Now, I mention various incidents above which are not
related to the G.I.O. they are merely trying to
recover monies that is sorely needed to support
their C.E.O.'s , upper management and their poor investors and people
like me and many like me in theory are the most vulnerable. Because we do
not have the luxury nor the resources to dispute these matters. I have
also received another account from the Supreme Court today asking me to
pay a sum of over $ 1,2000 for some organization which
has calculated the fees I owe the G.I.O. which is
over $ 31,000. As of the 15 June I have 28 days before
debt recovery action takes place. This is where I get off this merry -go-
round. I am on a 72% pension which is not enough. I supplement this income
by borrowing every three years from the Credit Union so my family and I
can have a decent lifestyle. I think I am more than
entitled to that. By the way you try to get a job
with an existing back complaint and see how you go. In
actual fact I should have years ago applied for a full 100% pension but
I was too mentally drained after having been exposed to a
series of dirty tactics by this system. I am sure
my Police Association would have batted for me as
they did in the past, but it was me who turned tail and ate humble pie
all these years.
So this open letter amounts to advice, help
and moral support from the ordinary person out
there and to also make them aware. I am sure many will remember something
off their past where the system screwed them too.
I find my ex-Solicitor's demand for money in
September 1999 extremely outrageous after so many
years have lapsed. At no time did he mention to
me that I owed him money. There is also more to this in a page dedicated
to him.
I find that the G.I.O. acted just as
unprofessionally by sending a letter of
intention even well beyond the 4 1/2 years after the Supreme Court had
made it's judgment. One would think that the most
obvious time would be straight after the Court
has made it's ruling. I did not get that. I did not received any warning.
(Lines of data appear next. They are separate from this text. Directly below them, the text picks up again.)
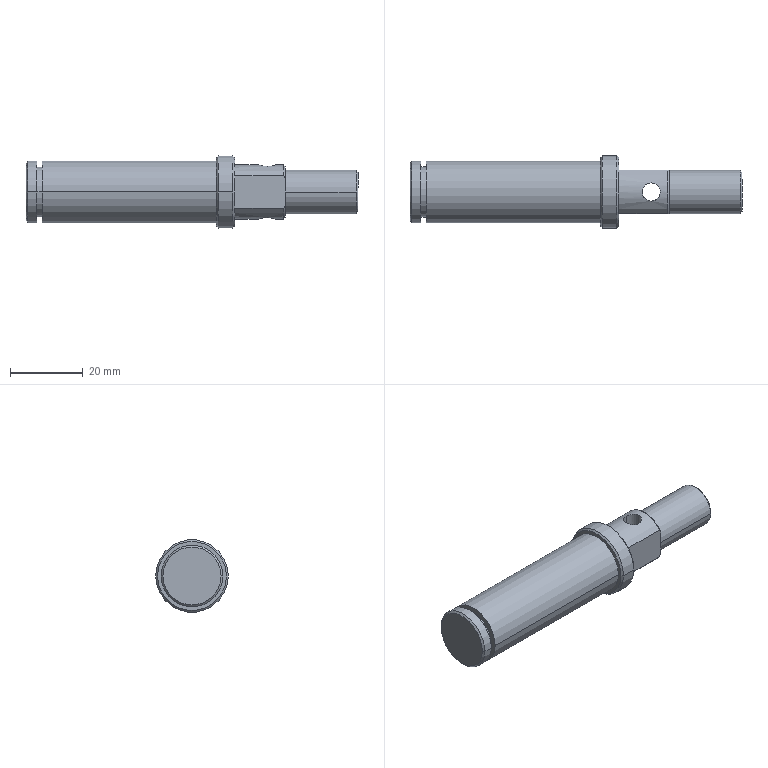Component | SolidWorks | CCD11-00TensioningAssembly-1_CCD11TensioningAxis-1 | 1 solid | 34 faces | box 91.5 x 20 x 20 mm | volume 17529 mm3 | cylinder 14 | cone 10 | plane 10 | commonest cylinder face diameters 17 x4 5 x2 12 x2 13.8 x2 20 x2 15 x2
STEP:
#1=CARTESIAN_POINT('',(-11.501,4.124,5.588));
#2=VERTEX_POINT('',#1);
#3=CARTESIAN_POINT('',(-11.501,4.321,5.588));
#4=VERTEX_POINT('',#3);
#5=CARTESIAN_POINT('',(-11.501,4.124,5.588));
#6=CARTESIAN_POINT('',(-11.507,4.124,5.588));
#7=CARTESIAN_POINT('',(-11.514,4.125,5.588));
#8=CARTESIAN_POINT('',(-11.526,4.127,5.587));
#9=CARTESIAN_POINT('',(-11.533,4.129,5.586));
#10=CARTESIAN_POINT('',(-11.545,4.134,5.584));
#11=CARTESIAN_POINT('',(-11.55,4.137,5.583));
#12=CARTESIAN_POINT('',(-11.561,4.144,5.581));
#13=CARTESIAN_POINT('',(-11.566,4.148,5.58));
#14=CARTESIAN_POINT('',(-11.579,4.162,5.577));
#15=CARTESIAN_POINT('',(-11.587,4.173,5.575));
#16=CARTESIAN_POINT('',(-11.594,4.191,5.573));
#17=CARTESIAN_POINT('',(-11.596,4.197,5.572));
#18=CARTESIAN_POINT('',(-11.599,4.21,5.571));
#19=CARTESIAN_POINT('',(-11.599,4.216,5.571));
#20=CARTESIAN_POINT('',(-11.599,4.229,5.571));
#21=CARTESIAN_POINT('',(-11.599,4.235,5.571));
#22=CARTESIAN_POINT('',(-11.596,4.248,5.572));
#23=CARTESIAN_POINT('',(-11.594,4.254,5.573));
#24=CARTESIAN_POINT('',(-11.589,4.266,5.574));
#25=CARTESIAN_POINT('',(-11.586,4.272,5.575));
#26=CARTESIAN_POINT('',(-11.579,4.283,5.577));
#27=CARTESIAN_POINT('',(-11.575,4.288,5.578));
#28=CARTESIAN_POINT('',(-11.566,4.297,5.58));
#29=CARTESIAN_POINT('',(-11.561,4.301,5.581));
#30=CARTESIAN_POINT('',(-11.55,4.308,5.583));
#31=CARTESIAN_POINT('',(-11.545,4.311,5.584));
#32=CARTESIAN_POINT('',(-11.533,4.316,5.586));
#33=CARTESIAN_POINT('',(-11.527,4.318,5.587));
#34=CARTESIAN_POINT('',(-11.514,4.32,5.588));
#35=CARTESIAN_POINT('',(-11.507,4.321,5.588));
#36=CARTESIAN_POINT('',(-11.501,4.321,5.588));
#37=B_SPLINE_CURVE_WITH_KNOTS('',3,(#5,#6,#7,#8,#9,#10,#11,#12,#13,#14,#15,#16,#17,#18,#19,#20,#21,#22,#23,#24,#25,#26,#27,#28,#29,#30,#31,#32,#33,#34,#35,#36),.UNSPECIFIED.,.F.,.F.,(4,2,2,2,2,2,2,2,2,2,2,2,2,2,2,4),(0.,0.000492,0.0009841,0.001476,0.001968,0.002952,0.003444,0.003936,0.004428,0.00492,0.005412,0.005905,0.006397,0.006889,0.007381,0.007873),.UNSPECIFIED.);
#38=EDGE_CURVE('',#2,#4,#37,.T.);
#39=ORIENTED_EDGE('',*,*,#38,.T.);
#40=CARTESIAN_POINT('',(-11.501,4.321,6.145));
#41=VERTEX_POINT('',#40);
#42=CARTESIAN_POINT('',(-11.501,4.321,6.161));
#43=DIRECTION('',(0.,0.,1.));
#44=VECTOR('',#43,39.37);
#45=LINE('',#42,#44);
#46=EDGE_CURVE('',#4,#41,#45,.T.);
#47=ORIENTED_EDGE('',*,*,#46,.T.);
#48=CARTESIAN_POINT('',(-11.501,4.124,6.145));
#49=VERTEX_POINT('',#48);
#50=CARTESIAN_POINT('',(-11.501,4.321,6.145));
#51=CARTESIAN_POINT('',(-11.507,4.321,6.145));
#52=CARTESIAN_POINT('',(-11.514,4.32,6.145));
#53=CARTESIAN_POINT('',(-11.527,4.318,6.146));
#54=CARTESIAN_POINT('',(-11.533,4.316,6.146));
#55=CARTESIAN_POINT('',(-11.545,4.311,6.148));
#56=CARTESIAN_POINT('',(-11.55,4.308,6.149));
#57=CARTESIAN_POINT('',(-11.561,4.301,6.151));
#58=CARTESIAN_POINT('',(-11.566,4.297,6.152));
#59=CARTESIAN_POINT('',(-11.58,4.283,6.155));
#60=CARTESIAN_POINT('',(-11.587,4.272,6.157));
#61=CARTESIAN_POINT('',(-11.594,4.254,6.16));
#62=CARTESIAN_POINT('',(-11.596,4.248,6.16));
#63=CARTESIAN_POINT('',(-11.599,4.236,6.161));
#64=CARTESIAN_POINT('',(-11.599,4.229,6.161));
#65=CARTESIAN_POINT('',(-11.599,4.216,6.161));
#66=CARTESIAN_POINT('',(-11.599,4.21,6.161));
#67=CARTESIAN_POINT('',(-11.596,4.197,6.16));
#68=CARTESIAN_POINT('',(-11.594,4.191,6.16));
#69=CARTESIAN_POINT('',(-11.587,4.173,6.157));
#70=CARTESIAN_POINT('',(-11.579,4.162,6.155));
#71=CARTESIAN_POINT('',(-11.566,4.148,6.152));
#72=CARTESIAN_POINT('',(-11.561,4.144,6.151));
#73=CARTESIAN_POINT('',(-11.55,4.137,6.149));
#74=CARTESIAN_POINT('',(-11.545,4.134,6.148));
#75=CARTESIAN_POINT('',(-11.533,4.129,6.146));
#76=CARTESIAN_POINT('',(-11.526,4.127,6.146));
#77=CARTESIAN_POINT('',(-11.514,4.125,6.145));
#78=CARTESIAN_POINT('',(-11.507,4.124,6.145));
#79=CARTESIAN_POINT('',(-11.501,4.124,6.145));
#80=B_SPLINE_CURVE_WITH_KNOTS('',3,(#50,#51,#52,#53,#54,#55,#56,#57,#58,#59,#60,#61,#62,#63,#64,#65,#66,#67,#68,#69,#70,#71,#72,#73,#74,#75,#76,#77,#78,#79),.UNSPECIFIED.,.F.,.F.,(4,2,2,2,2,2,2,2,2,2,2,2,2,2,4),(0.007873,0.008365,0.008857,0.009348,0.00984,0.01082,0.01132,0.01181,0.0123,0.01279,0.01378,0.01427,0.01476,0.01525,0.01574),.UNSPECIFIED.);
#81=EDGE_CURVE('',#41,#49,#80,.T.);
#82=ORIENTED_EDGE('',*,*,#81,.T.);
#83=CARTESIAN_POINT('',(-11.501,4.124,6.161));
#84=DIRECTION('',(0.,0.,1.));
#85=VECTOR('',#84,39.37);
#86=LINE('',#83,#85);
#87=EDGE_CURVE('',#2,#49,#86,.T.);
#88=ORIENTED_EDGE('',*,*,#87,.F.);
#89=EDGE_LOOP('',(#39,#47,#82,#88));
#90=FACE_OUTER_BOUND('',#89,.T.);
#91=CARTESIAN_POINT('',(-11.501,4.222,6.161));
#92=DIRECTION('',(0.,0.,1.));
#93=DIRECTION('',(0.,-1.,0.));
#94=AXIS2_PLACEMENT_3D('',#91,#92,#93);
#95=CYLINDRICAL_SURFACE('',#94,0.09843);
#96=ADVANCED_FACE('',(#90),#95,.F.);
#97=CARTESIAN_POINT('',(-11.855,4.597,5.866));
#98=VERTEX_POINT('',#97);
#99=CARTESIAN_POINT('',(-11.855,3.848,5.866));
#100=VERTEX_POINT('',#99);
#101=CARTESIAN_POINT('',(-11.855,4.222,5.866));
#102=DIRECTION('',(1.,0.,-0.));
#103=DIRECTION('',(-0.,1.,0.));
#104=AXIS2_PLACEMENT_3D('',#101,#102,#103);
#105=CIRCLE('',#104,0.374);
#106=EDGE_CURVE('',#98,#100,#105,.T.);
#107=ORIENTED_EDGE('',*,*,#106,.F.);
#108=CARTESIAN_POINT('',(-11.875,4.616,5.866));
#109=VERTEX_POINT('',#108);
#110=CARTESIAN_POINT('',(-11.875,4.616,5.866));
#111=DIRECTION('',(-0.7071,0.7071,0.));
#112=VECTOR('',#111,39.37);
#113=LINE('',#110,#112);
#114=EDGE_CURVE('',#98,#109,#113,.T.);
#115=ORIENTED_EDGE('',*,*,#114,.T.);
#116=CARTESIAN_POINT('',(-11.875,3.829,5.866));
#117=VERTEX_POINT('',#116);
#118=CARTESIAN_POINT('',(-11.875,4.222,5.866));
#119=DIRECTION('',(-1.,-0.,0.));
#120=DIRECTION('',(-0.,1.,-0.));
#121=AXIS2_PLACEMENT_3D('',#118,#119,#120);
#122=CIRCLE('',#121,0.3937);
#123=EDGE_CURVE('',#117,#109,#122,.T.);
#124=ORIENTED_EDGE('',*,*,#123,.F.);
#125=CARTESIAN_POINT('',(-11.875,3.829,5.866));
#126=DIRECTION('',(-0.7071,-0.7071,0.));
#127=VECTOR('',#126,39.37);
#128=LINE('',#125,#127);
#129=EDGE_CURVE('',#100,#117,#128,.T.);
#130=ORIENTED_EDGE('',*,*,#129,.F.);
#131=EDGE_LOOP('',(#107,#115,#124,#130));
#132=FACE_OUTER_BOUND('',#131,.T.);
#133=CARTESIAN_POINT('',(-11.875,4.222,5.866));
#134=DIRECTION('',(-1.,-0.,0.));
#135=DIRECTION('',(0.,-1.,0.));
#136=AXIS2_PLACEMENT_3D('',#133,#134,#135);
#137=CONICAL_SURFACE('',#136,0.3937,0.7854);
#138=ADVANCED_FACE('',(#132),#137,.T.);
#139=CARTESIAN_POINT('',(-10.517,4.439,5.866));
#140=VERTEX_POINT('',#139);
#141=CARTESIAN_POINT('',(-10.517,4.006,5.866));
#142=VERTEX_POINT('',#141);
#143=CARTESIAN_POINT('',(-10.517,4.222,5.866));
#144=DIRECTION('',(1.,0.,-0.));
#145=DIRECTION('',(0.,-1.,0.));
#146=AXIS2_PLACEMENT_3D('',#143,#144,#145);
#147=CIRCLE('',#146,0.2165);
#148=EDGE_CURVE('',#140,#142,#147,.T.);
#149=ORIENTED_EDGE('',*,*,#148,.F.);
#150=CARTESIAN_POINT('',(-10.536,4.459,5.866));
#151=VERTEX_POINT('',#150);
#152=CARTESIAN_POINT('',(-10.536,4.459,5.866));
#153=DIRECTION('',(-0.7071,0.7071,0.));
#154=VECTOR('',#153,39.37);
#155=LINE('',#152,#154);
#156=EDGE_CURVE('',#140,#151,#155,.T.);
#157=ORIENTED_EDGE('',*,*,#156,.T.);
#158=CARTESIAN_POINT('',(-10.536,3.986,5.866));
#159=VERTEX_POINT('',#158);
#160=CARTESIAN_POINT('',(-10.536,4.222,5.866));
#161=DIRECTION('',(-1.,-0.,0.));
#162=DIRECTION('',(0.,-1.,0.));
#163=AXIS2_PLACEMENT_3D('',#160,#161,#162);
#164=CIRCLE('',#163,0.2362);
#165=EDGE_CURVE('',#159,#151,#164,.T.);
#166=ORIENTED_EDGE('',*,*,#165,.F.);
#167=CARTESIAN_POINT('',(-10.536,3.986,5.866));
#168=DIRECTION('',(-0.7071,-0.7071,0.));
#169=VECTOR('',#168,39.37);
#170=LINE('',#167,#169);
#171=EDGE_CURVE('',#142,#159,#170,.T.);
#172=ORIENTED_EDGE('',*,*,#171,.F.);
#173=EDGE_LOOP('',(#149,#157,#166,#172));
#174=FACE_OUTER_BOUND('',#173,.T.);
#175=CARTESIAN_POINT('',(-10.536,4.222,5.866));
#176=DIRECTION('',(-1.,-0.,0.));
#177=DIRECTION('',(0.,-1.,0.));
#178=AXIS2_PLACEMENT_3D('',#175,#176,#177);
#179=CONICAL_SURFACE('',#178,0.2362,0.7854);
#180=ADVANCED_FACE('',(#174),#179,.T.);
#181=CARTESIAN_POINT('',(-12.052,3.848,5.866));
#182=VERTEX_POINT('',#181);
#183=CARTESIAN_POINT('',(-12.052,4.597,5.866));
#184=VERTEX_POINT('',#183);
#185=CARTESIAN_POINT('',(-12.052,4.222,5.866));
#186=DIRECTION('',(-1.,-0.,0.));
#187=DIRECTION('',(-0.,1.,0.));
#188=AXIS2_PLACEMENT_3D('',#185,#186,#187);
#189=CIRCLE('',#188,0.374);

The day my solicitor said ; its over get on with your life I thought that
was it. It was not followed by let's wait till you are at your lowest
ebb in life and let a numbers go years go by and surprise you. The
G.I.O. did exactly the same.
Please, please the most important thing is e-mail's of
support for my wife and children who have been
the real victim's of these for most of their
lives. Since 1979. Let them know you have their support.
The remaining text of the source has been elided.